Perhaps it takes the mass media to illustrate the skewed focus of corporate law. Here we have the [at least for now] CEO of Tribune Company, Randy Michaels, under fire for a lot of superficial things, such as an alleged frat house atmosphere in the company, while his role in the company going into and staying in bankruptcy during his three year tenure wasn’t enough to bring about such scrutiny or cause the board concern about its own exposure. It took a misstep by one of his subordinates in circulating an offensive video and public disclosure of a ‘frat house’ atmosphere to bring things to this point. (Tribune Co. CEO Randy Michaels: I have not resigned, Chicago Tribune, 10/19/2010)
But sources said board members were concerned that Michaels had publicly embarrassed an iconic Chicago institution, made many of its employees uncomfortable, and had aggravated an already-tortuous 22-month-old bankruptcy process at a highly delicate stage.
In light of those issues, board members also were becoming concerned that the behavior of Michaels and his management team might open them up to legal action over their fiduciary duty to protect the company, the sources said.
To be clear: the juvenile hijinks are wrong, probably illegal and ill-befitting of an executive of a major public company. However, they and the public embarrassment and employee discomfort are a peripheral matter in the grand scheme of things and have nothing to do with return to shareholders, or in this case, creditors, which should as a matter of law, be the board’s focus. Something is wrong with a scenario where a board is motivated to act in accordance with its fiduciary duty only when raucous behavior comes to light, and had no such motivation in the face of poor financial performance resulting in a protracted bankruptcy, and drastic loss of market share.
Something needs to be done about our corporate law environment when CEO’s who have enough sense to avoid personal indiscretions (or keep them private) get a pass on poor strategy or execution, and their performance is subjected to real scrutiny only when juvenile antics come into public view. Similarly, boards should have at least as much legal exposure when they don’t hold management accountable for a lousy job with their core functions as when they don’t react to personal level foolishness.

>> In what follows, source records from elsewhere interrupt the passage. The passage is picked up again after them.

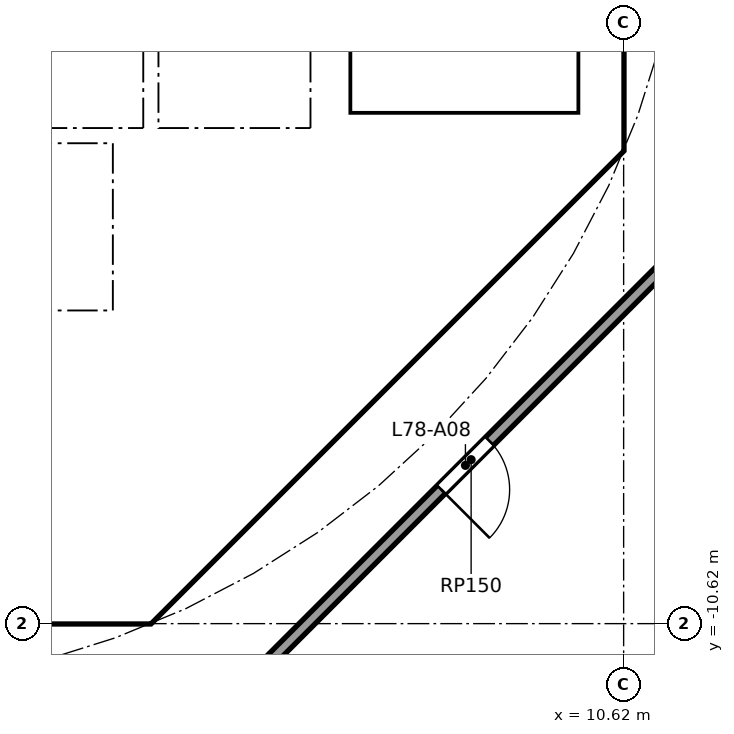
"""IFC4 building model, lengths in metres.
Left out: names, types, materials, properties, quantities, classifications, styles, units other than length and angle.
Written with IfcOpenShell. Run it as: python <this file> out.ifc"""

import sys

from ifc_helpers import new_model, si_unit, direction, frame, frame_2d, origin, place, context, subcontext, project, spatial, polyline, rectangle, outline, extrude, element, fill, save


model = new_model("IFC4")
c1 = context("Model", 3, precision=1e-05, world=origin(), true_north=direction((0.0, 1.0)))
c2 = subcontext(c1, "Body", "Model", "MODEL_VIEW")
j1 = project(units=[si_unit("LENGTHUNIT", "METRE"), si_unit("PLANEANGLEUNIT", "RADIAN")], contexts=[c1])
p1 = place(None, origin())
s1 = spatial("IfcSite", under=j1, at=p1, CompositionType="ELEMENT")
p2 = place(p1, origin())
s2 = spatial("IfcBuilding", under=s1, at=p2, CompositionType="ELEMENT")
p3 = place(p2, frame((0.0, 0.0, 315.9)))
s3 = spatial("IfcBuildingStorey", under=s2, at=p3, CompositionType="ELEMENT", Elevation=315.9)
p4 = place(p3, frame((4.613, -9.988, 0.0), z_axis=(0.0, 0.0, 1.0), x_axis=(0.707106781187, 0.707106781187, 0.0)))
e1 = element("IfcWall", 1, at=p4, inside=s3, PredefinedType="SHEAR", context=c2, shape_type="SweptSolid", body=[
    extrude(rectangle(XDim=7.602, YDim=0.6, at=frame_2d((3.801, 0.0))), origin(), (0.0, 0.0, 1.0), 4.2),
])
p5 = place(p4, frame((3.201, 0.0, 0.0)))
e2 = element("IfcOpeningElement", 2, at=p5, cuts=e1, PredefinedType="OPENING", context=c2, shape_type="SweptSolid", body=[
    extrude(rectangle(XDim=1.2, YDim=2.1, at=frame_2d((0.6, 1.05))), frame((0.0, 0.31, 0.0), z_axis=(0.0, -1.0, 0.0), x_axis=(1.0, 0.0, 0.0)), (0.0, 0.0, 1.0), 0.62),
])
p6 = place(p3, frame((4.0, -10.025, 0.0), z_axis=(0.0, 0.0, 1.0), x_axis=(0.0, 1.0, 0.0)))
e3 = element("IfcWall", 3, at=p6, inside=s3, PredefinedType="SOLIDWALL", context=c2, shape_type="SweptSolid", body=[
    extrude(rectangle(XDim=3.0, YDim=0.2, at=frame_2d((1.5, 0.0))), origin(), (0.0, 0.0, 1.0), 4.2),
])
p7 = place(p6, frame((0.975, 0.0, 0.0)))
e4 = element("IfcOpeningElement", 4, at=p7, cuts=e3, PredefinedType="OPENING", context=c2, shape_type="SweptSolid", body=[
    extrude(rectangle(XDim=1.1, YDim=2.1, at=frame_2d((0.55, 1.05))), frame((0.0, 0.11, 0.0), z_axis=(0.0, -1.0, 0.0), x_axis=(1.0, 0.0, 0.0)), (0.0, 0.0, 1.0), 0.22),
])
p8 = place(p3, frame((4.0, -6.5, 0.0), z_axis=(0.0, 0.0, 1.0), x_axis=(0.0, 1.0, 0.0)))
e5 = element("IfcWall", 5, at=p8, inside=s3, PredefinedType="SOLIDWALL", context=c2, shape_type="SweptSolid", body=[
    extrude(rectangle(XDim=2.2, YDim=0.2, at=frame_2d((1.1, 0.0))), origin(), (0.0, 0.0, 1.0), 4.2),
])
p9 = place(p8, frame((0.55, 0.0, 0.0)))
e6 = element("IfcOpeningElement", 6, at=p9, cuts=e5, PredefinedType="OPENING", context=c2, shape_type="SweptSolid", body=[
    extrude(rectangle(XDim=1.1, YDim=2.1, at=frame_2d((0.55, 1.05))), frame((0.0, 0.11, 0.0), z_axis=(0.0, -1.0, 0.0), x_axis=(1.0, 0.0, 0.0)), (0.0, 0.0, 1.0), 0.22),
])
p10 = place(p3, origin())
e7 = element("IfcWall", 7, at=p10, inside=s3, PredefinedType="SHEAR", context=c2, shape_type="SweptSolid", body=[
    extrude(outline(polyline([(-4.152, -10.025), (4.152, -10.025), (4.401, -9.776), (4.825, -10.2), (4.401, -10.625), (-4.401, -10.625), (-4.825, -10.2), (-4.401, -9.776), (-4.152, -10.025)])), origin(), (0.0, 0.0, 1.0), 4.2),
])
p11 = place(p3, origin())
e8 = element("IfcWall", 8, at=p11, inside=s3, PredefinedType="SHEAR", context=c2, shape_type="SweptSolid", body=[
    extrude(outline(polyline([(9.776, -4.401), (10.025, -4.152), (10.025, -3.801), (10.025, 4.152), (9.776, 4.401), (10.2, 4.825), (10.625, 4.401), (10.625, -4.401), (10.2, -4.825), (9.776, -4.401)])), origin(), (0.0, 0.0, 1.0), 4.2),
])
p12 = place(p3, origin())
e9 = element("IfcWall", 9, at=p12, inside=s3, PredefinedType="SOLIDWALL", context=c2, shape_type="SweptSolid", body=[
    extrude(outline(polyline([(-6.7, -2.1), (-6.5, -2.1), (-6.5, -4.1), (-2.3, -4.1), (-2.3, -2.1), (-2.1, -2.1), (-2.1, -4.1), (2.1, -4.1), (2.1, -2.1), (2.3, -2.1), (2.3, -4.1), (4.3, -4.1), (4.3, -2.1), (4.5, -2.1), (4.5, -4.1), (6.5, -4.1), (6.5, -2.1), (6.7, -2.1), (6.7, -4.3), (-6.7, -4.3), (-6.7, -2.1)])), origin(), (0.0, 0.0, 1.0), 4.2),
])
p13 = place(p3, origin())
e10 = element("IfcWall", 10, at=p13, inside=s3, PredefinedType="SOLIDWALL", context=c2, shape_type="SweptSolid", body=[
    extrude(outline(polyline([(4.1, -7.025), (-4.1, -7.025), (-4.1, -6.5), (4.1, -6.5), (4.1, -7.025)])), origin(), (0.0, 0.0, 1.0), 4.2),
])
p14 = place(p3, origin())
e11 = element("IfcWall", 11, at=p14, inside=s3, PredefinedType="SOLIDWALL", context=c2, shape_type="SweptSolid", body=[
    extrude(outline(polyline([(7.025, -3.9), (6.7, -3.9), (6.7, 3.9), (7.025, 3.9), (7.025, -3.9)])), origin(), (0.0, 0.0, 1.0), 4.2),
])
p15 = place(p3, origin())
e12 = element("IfcWall", 12, at=p15, inside=s3, PredefinedType="SOLIDWALL", context=c2, shape_type="SweptSolid", body=[
    extrude(outline(polyline([(10.025, -4.1), (6.7, -4.1), (6.7, -3.9), (10.025, -3.9), (10.025, -4.1)])), origin(), (0.0, 0.0, 1.0), 4.2),
])
p16 = place(p3, frame((12.15, -4.926, 0.0), z_axis=(0.0, 0.0, 1.0), x_axis=(-0.707057968072, -0.707155590932, 0.0)))
e13 = element("IfcWall", 13, at=p16, inside=s3, PredefinedType="PARTITIONING", context=c2, shape_type="SweptSolid", body=[
    extrude(rectangle(XDim=10.003, YDim=0.15, at=frame_2d((5.002, 0.0))), origin(), (0.0, 0.0, 1.0), 4.2),
])
p17 = place(p16, frame((4.658, 0.0, 0.0)))
e14 = element("IfcOpeningElement", 14, at=p17, cuts=e13, PredefinedType="OPENING", context=c2, shape_type="SweptSolid", body=[
    extrude(rectangle(XDim=0.9, YDim=2.1, at=frame_2d((0.45, 1.05))), frame((0.0, 0.085, 0.0), z_axis=(0.0, -1.0, 0.0), x_axis=(1.0, 0.0, 0.0)), (0.0, 0.0, 1.0), 0.17),
])
p18 = place(p9, origin())
e15 = element("IfcDoor", 15, at=p18, inside=s3, OperationType="DOUBLE_DOOR_SLIDING", PredefinedType="DOOR", context=c2, shape_type="SweptSolid", body=[
    extrude(rectangle(XDim=1.1, YDim=2.1, at=frame_2d((0.55, 1.05))), frame((0.0, 0.025, 0.0), z_axis=(0.0, -1.0, 0.0), x_axis=(1.0, 0.0, 0.0)), (0.0, 0.0, 1.0), 0.05),
])
fill(e6, e15)
p19 = place(p7, origin())
e16 = element("IfcDoor", 16, at=p19, inside=s3, OperationType="SINGLE_SWING_LEFT", PredefinedType="DOOR", context=c2, shape_type="SweptSolid", body=[
    extrude(rectangle(XDim=1.1, YDim=2.1, at=frame_2d((0.55, 1.05))), frame((0.0, 0.025, 0.0), z_axis=(0.0, -1.0, 0.0), x_axis=(1.0, 0.0, 0.0)), (0.0, 0.0, 1.0), 0.05),
])
fill(e4, e16)
p20 = place(p5, origin())
e17 = element("IfcDoor", 17, at=p20, inside=s3, OperationType="SINGLE_SWING_LEFT", PredefinedType="DOOR", context=c2, shape_type="SweptSolid", body=[
    extrude(rectangle(XDim=1.2, YDim=2.1, at=frame_2d((0.6, 1.05))), frame((0.0, 0.025, 0.0), z_axis=(0.0, -1.0, 0.0), x_axis=(1.0, 0.0, 0.0)), (0.0, 0.0, 1.0), 0.05),
])
fill(e2, e17)
p21 = place(p17, origin())
e18 = element("IfcDoor", 18, at=p21, inside=s3, OperationType="SINGLE_SWING_RIGHT", PredefinedType="DOOR", context=c2, shape_type="SweptSolid", body=[
    extrude(rectangle(XDim=0.9, YDim=2.1, at=frame_2d((0.45, 1.05))), frame((0.0, 0.025, 0.0), z_axis=(0.0, -1.0, 0.0), x_axis=(1.0, 0.0, 0.0)), (0.0, 0.0, 1.0), 0.05),
])
fill(e14, e18)
save(model, sys.argv[1])

It’s a curious legal environment indeed when an HP CEO who presided over a doubling of shareholder value and a Tribune CEO who presided over a bankruptcy filing and deterioration of business value during the process suffer the same fate on account of extracurricular personal indiscretion. It’s also a reflection of a system that needs drastic updating to take substantive performance into account as part of directors’ fiduciary duty.